Weight multiplier for coordinate tokens. Tokens with label IDs >= class_token_start_idx will have their loss multiplied by this factor. Default: 10.0

class_token_start_idx
intDefaults to 50000

Token index threshold for coordinate tokens. Tokens with label IDs >= this value are considered coordinate/class tokens and receive higher loss weight. Default: 50000

num_heads
intDefaults to 1

Number of prediction heads (main + extra). Must match the model’s num_extra_heads + 1. Default: 1

ignore_index
intDefaults to -100

Label value to ignore in loss computation. Default: -100

reduction
strDefaults to 'sum'

Loss reduction strategy (“sum” or “mean”). Default: “sum”

fp32_upcast
boolDefaults to True

Cast logits to fp32 for numerical stability. Default: True

nemo_automodel.components.models.nemotron_parse.nemotron_parse_loss.NemotronParseLoss.forward(
logits: torch.Tensor,
labels: torch.Tensor,
decoder_inputs_embeds: typing.Optional[torch.Tensor] = None,
num_label_tokens: typing.Optional[int] = None
) -> torch.Tensor

Compute loss with coordinate token weighting.

Parameters:

logits
torch.Tensor

Model logits with shape [batch_size, seq_len, vocab_size]

labels
torch.Tensor

Ground truth labels with shape [batch_size, seq_len]

decoder_inputs_embeds
torch.TensorDefaults to None

Decoder input embeddings. Currently unused but kept for API compatibility.
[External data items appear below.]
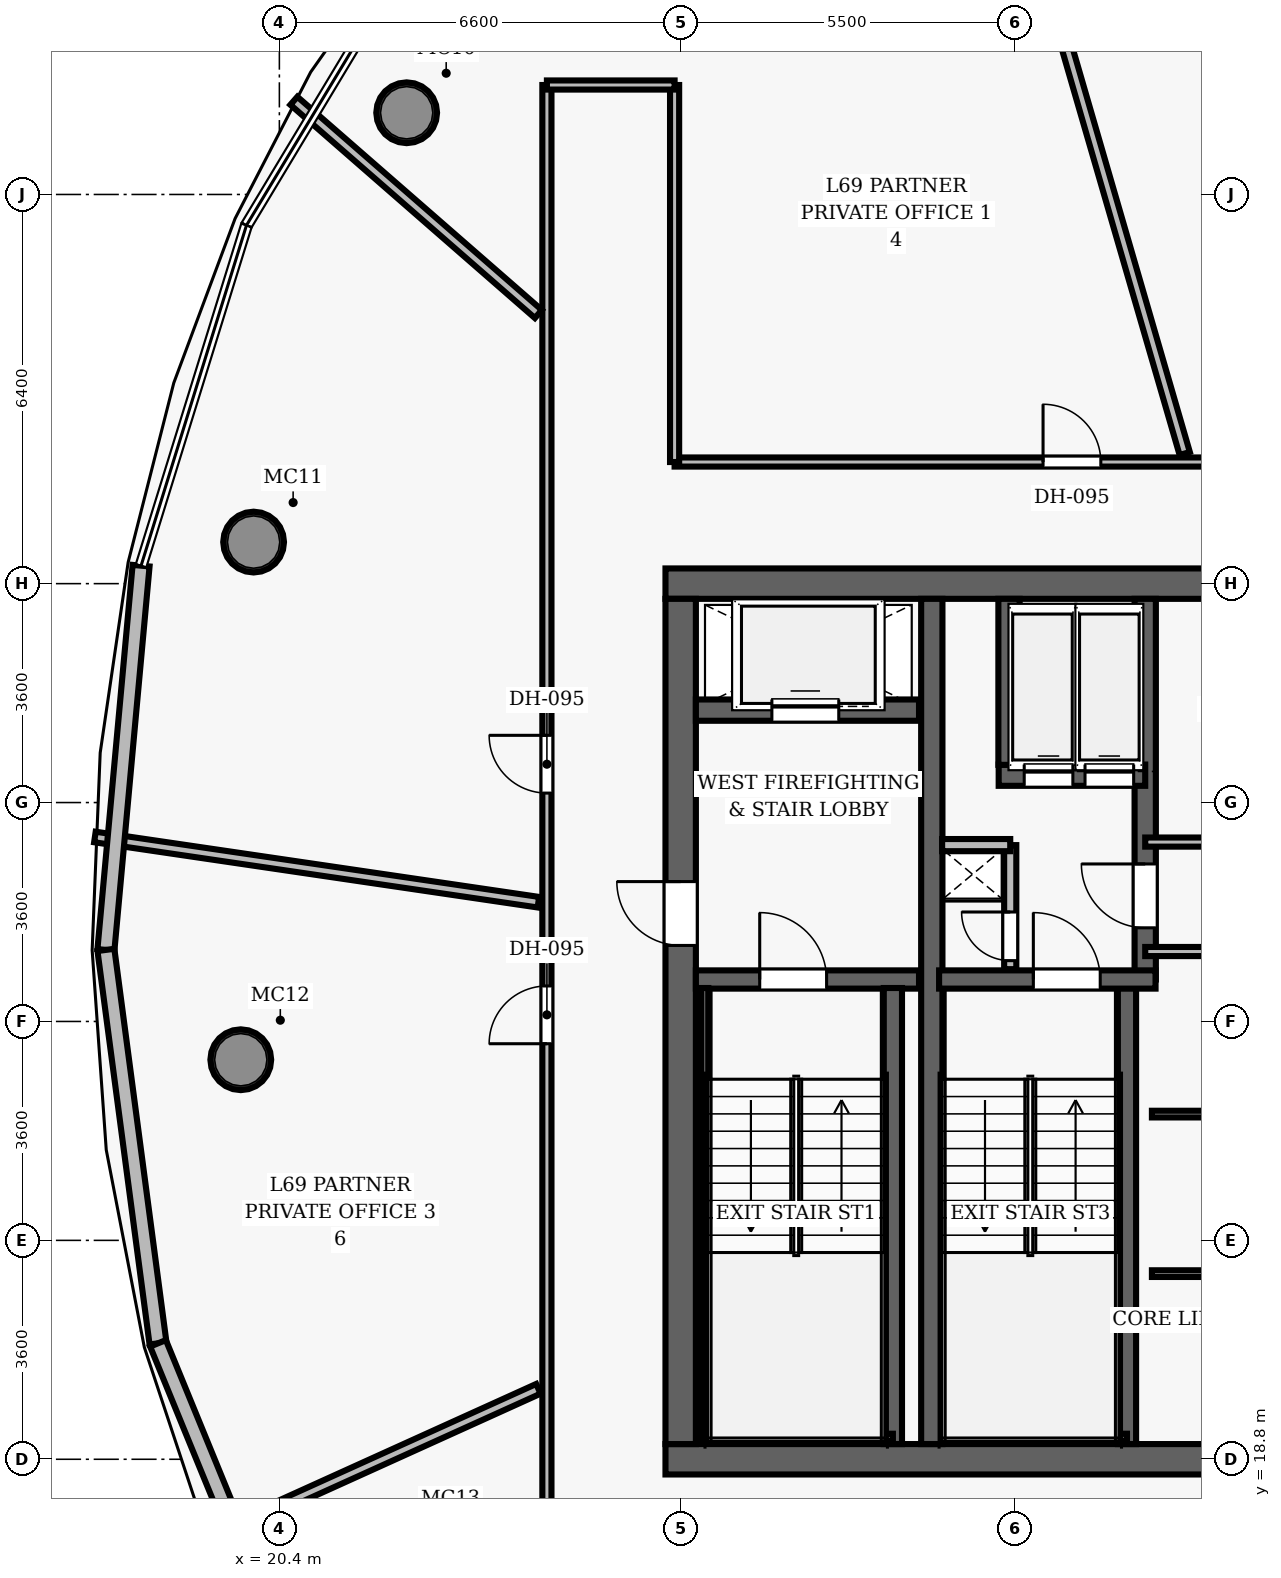
"""IFC4 building model, lengths in metres.
Left out: names, types, materials, properties, quantities, classifications, styles, units other than length and angle.
Written with IfcOpenShell. Run it as: python <this file> out.ifc"""

import sys

from ifc_helpers import new_model, si_unit, direction, frame, frame_2d, origin, origin_2d, place, context, subcontext, project, spatial, rectangle, hollow_circle, extrude, element, fill, save


model = new_model("IFC4")
c1 = context("Model", 3, precision=1e-05, world=origin(), true_north=direction((0.0, 1.0)))
c2 = subcontext(c1, "Body", "Model", "MODEL_VIEW")
j1 = project(units=[si_unit("LENGTHUNIT", "METRE"), si_unit("PLANEANGLEUNIT", "RADIAN")], contexts=[c1])
p1 = place(None, origin())
s1 = spatial("IfcSite", under=j1, at=p1, CompositionType="ELEMENT")
p2 = place(p1, origin())
s2 = spatial("IfcBuilding", under=s1, at=p2, CompositionType="ELEMENT")
p3 = place(p2, frame((0.0, 0.0, 272.85)))
s3 = spatial("IfcBuildingStorey", under=s2, at=p3, CompositionType="ELEMENT", Elevation=272.85)
p4 = place(p3, frame((26.75, 18.8, 0.0), z_axis=(0.0, 0.0, 1.0), x_axis=(1.0, 0.0, 0.0)))
e1 = element("IfcWall", 1, at=p4, inside=s3, PredefinedType="SHEAR", context=c2, shape_type="SweptSolid", body=[
    extrude(rectangle(XDim=22.5, YDim=0.5, at=frame_2d((11.25, 0.0))), origin(), (0.0, 0.0, 1.0), 3.85),
])
p5 = place(p4, frame((14.47, 0.0, 0.0)))
e2 = element("IfcOpeningElement", 2, at=p5, cuts=e1, PredefinedType="OPENING", context=c2, shape_type="SweptSolid", body=[
    extrude(rectangle(XDim=1.05, YDim=2.15, at=frame_2d((0.525, 1.075))), frame((0.0, 0.26, 0.0), z_axis=(0.0, -1.0, 0.0), x_axis=(1.0, 0.0, 0.0)), (0.0, 0.0, 1.0), 0.52),
])
p6 = place(p3, frame((26.75, 33.2, 0.0), z_axis=(0.0, 0.0, 1.0), x_axis=(1.0, 0.0, 0.0)))
e3 = element("IfcWall", 3, at=p6, inside=s3, PredefinedType="SHEAR", context=c2, shape_type="SweptSolid", body=[
    extrude(rectangle(XDim=22.5, YDim=0.5, at=frame_2d((11.25, 0.0))), origin(), (0.0, 0.0, 1.0), 3.85),
])
p7 = place(p3, frame((27.0, 19.05, 0.0), z_axis=(0.0, 0.0, 1.0), x_axis=(0.0, 1.0, 0.0)))
e4 = element("IfcWall", 4, at=p7, inside=s3, PredefinedType="SHEAR", context=c2, shape_type="SweptSolid", body=[
    extrude(rectangle(XDim=13.9, YDim=0.5, at=frame_2d((6.95, 0.0))), origin(), (0.0, 0.0, 1.0), 3.85),
])
p8 = place(p7, frame((8.2, 0.0, 0.0)))
e5 = element("IfcOpeningElement", 5, at=p8, cuts=e4, PredefinedType="OPENING", context=c2, shape_type="SweptSolid", body=[
    extrude(rectangle(XDim=1.05, YDim=2.15, at=frame_2d((0.525, 1.075))), frame((0.0, 0.26, 0.0), z_axis=(0.0, -1.0, 0.0), x_axis=(1.0, 0.0, 0.0)), (0.0, 0.0, 1.0), 0.52),
])
p9 = place(p3, frame((31.13, 19.05, 0.0), z_axis=(0.0, 0.0, 1.0), x_axis=(0.0, 1.0, 0.0)))
e6 = element("IfcWall", 6, at=p9, inside=s3, PredefinedType="SHEAR", context=c2, shape_type="SweptSolid", body=[
    extrude(rectangle(XDim=13.9, YDim=0.35, at=frame_2d((6.95, 0.0))), origin(), (0.0, 0.0, 1.0), 3.85),
])
for number, where, z_axis, x_axis in (
    (7, (22.494, 40.944, 0.0), (0.0, 0.0, 1.0), (1.0, 0.0, 0.0)),
    (8, (19.976, 33.884, 0.0), (0.0, 0.0, 1.0), (1.0, 0.0, 0.0)),
    (9, (19.765, 25.371, 0.0), (0.0, 0.0, 1.0), (1.0, 0.0, 0.0)),
):
    element("IfcColumn", number, at=place(p3, frame(where, z_axis=z_axis, x_axis=x_axis)), inside=s3, PredefinedType="COLUMN", context=c2, shape_type="SweptSolid", body=[
        extrude(hollow_circle(Radius=0.5, WallThickness=0.045, at=origin_2d()), origin(), (0.0, 0.0, 1.0), 3.85),
    ])
p10 = place(p3, frame((27.25, 26.69, 0.0), z_axis=(0.0, 0.0, 1.0), x_axis=(1.0, 0.0, 0.0)))
e10 = element("IfcWall", 10, at=p10, inside=s3, PredefinedType="SHEAR", context=c2, shape_type="SweptSolid", body=[
    extrude(rectangle(XDim=3.67, YDim=0.3, at=frame_2d((1.835, 0.0))), origin(), (0.0, 0.0, 1.0), 3.85),
])
p11 = place(p10, frame((1.05, 0.0, 0.0)))
e11 = element("IfcOpeningElement", 11, at=p11, cuts=e10, PredefinedType="OPENING", context=c2, shape_type="SweptSolid", body=[
    extrude(rectangle(XDim=1.1, YDim=2.15, at=frame_2d((0.55, 1.075))), frame((0.0, 0.16, 0.0), z_axis=(0.0, -1.0, 0.0), x_axis=(1.0, 0.0, 0.0)), (0.0, 0.0, 1.0), 0.32),
])
p12 = place(p3, frame((30.49, 19.05, 0.0), z_axis=(0.0, 0.0, 1.0), x_axis=(0.0, 1.0, 0.0)))
e12 = element("IfcWall", 12, at=p12, inside=s3, PredefinedType="SHEAR", context=c2, shape_type="SweptSolid", body=[
    extrude(rectangle(XDim=7.5, YDim=0.3, at=frame_2d((3.75, 0.0))), origin(), (0.0, 0.0, 1.0), 3.85),
])
p13 = place(p3, frame((27.395, 19.1, 0.0), z_axis=(0.0, 0.0, 1.0), x_axis=(0.0, 1.0, 0.0)))
e13 = element("IfcWall", 13, at=p13, inside=s3, PredefinedType="SHEAR", context=c2, shape_type="SweptSolid", body=[
    extrude(rectangle(XDim=7.45, YDim=0.12, at=frame_2d((3.725, 0.0))), origin(), (0.0, 0.0, 1.0), 3.85),
])
p14 = place(p3, frame((27.395, 19.16, 0.0), z_axis=(0.0, 0.0, 1.0), x_axis=(1.0, 0.0, 0.0)))
e14 = element("IfcWall", 14, at=p14, inside=s3, PredefinedType="SHEAR", context=c2, shape_type="SweptSolid", body=[
    extrude(rectangle(XDim=3.095, YDim=0.12, at=frame_2d((1.547, 0.0))), origin(), (0.0, 0.0, 1.0), 3.85),
])
p15 = place(p3, frame((27.25, 31.12, 0.0), z_axis=(0.0, 0.0, 1.0), x_axis=(1.0, 0.0, 0.0)))
e15 = element("IfcWall", 15, at=p15, inside=s3, PredefinedType="SHEAR", context=c2, shape_type="SweptSolid", body=[
    extrude(rectangle(XDim=3.67, YDim=0.35, at=frame_2d((1.835, 0.0))), origin(), (0.0, 0.0, 1.0), 3.04),
])
p16 = place(p15, frame((1.25, 0.0, 0.0)))
e16 = element("IfcOpeningElement", 16, at=p16, cuts=e15, PredefinedType="OPENING", context=c2, shape_type="SweptSolid", body=[
    extrude(rectangle(XDim=1.1, YDim=2.15, at=frame_2d((0.55, 1.075))), frame((0.0, 0.185, 0.0), z_axis=(0.0, -1.0, 0.0), x_axis=(1.0, 0.0, 0.0)), (0.0, 0.0, 1.0), 0.37),
])
p17 = place(p3, frame((34.34, 19.05, 0.0), z_axis=(0.0, 0.0, 1.0), x_axis=(0.0, 1.0, 0.0)))
e17 = element("IfcWall", 17, at=p17, inside=s3, PredefinedType="SHEAR", context=c2, shape_type="SweptSolid", body=[
    extrude(rectangle(XDim=7.5, YDim=0.3, at=frame_2d((3.75, 0.0))), origin(), (0.0, 0.0, 1.0), 3.85),
])
p18 = place(p3, frame((34.64, 26.69, 0.0), z_axis=(0.0, 0.0, 1.0), x_axis=(0.0, 1.0, 0.0)))
e18 = element("IfcWall", 18, at=p18, inside=s3, PredefinedType="SHEAR", context=c2, shape_type="SweptSolid", body=[
    extrude(rectangle(XDim=6.26, YDim=0.35, at=frame_2d((3.13, 0.0))), origin(), (0.0, 0.0, 1.0), 3.85),
])
p19 = place(p18, frame((0.85, 0.0, 0.0)))
e19 = element("IfcOpeningElement", 19, at=p19, cuts=e18, PredefinedType="OPENING", context=c2, shape_type="SweptSolid", body=[
    extrude(rectangle(XDim=1.05, YDim=2.15, at=frame_2d((0.525, 1.075))), frame((0.0, 0.185, 0.0), z_axis=(0.0, -1.0, 0.0), x_axis=(1.0, 0.0, 0.0)), (0.0, 0.0, 1.0), 0.37),
])
p20 = place(p3, frame((31.25, 26.69, 0.0), z_axis=(0.0, 0.0, 1.0), x_axis=(1.0, 0.0, 0.0)))
e20 = element("IfcWall", 20, at=p20, inside=s3, PredefinedType="SHEAR", context=c2, shape_type="SweptSolid", body=[
    extrude(rectangle(XDim=3.56, YDim=0.3, at=frame_2d((1.78, 0.0))), origin(), (0.0, 0.0, 1.0), 3.85),
])
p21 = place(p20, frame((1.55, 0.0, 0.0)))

Default: None

num_label_tokens
intDefaults to None

Total number of valid tokens for normalization across gradient accumulation steps. If provided, loss is normalized by this value instead of the actual token count. Only supported with reduction=“sum”. Default: None

Returns: torch.Tensor

torch.Tensor: Computed loss value as a scalar tensor.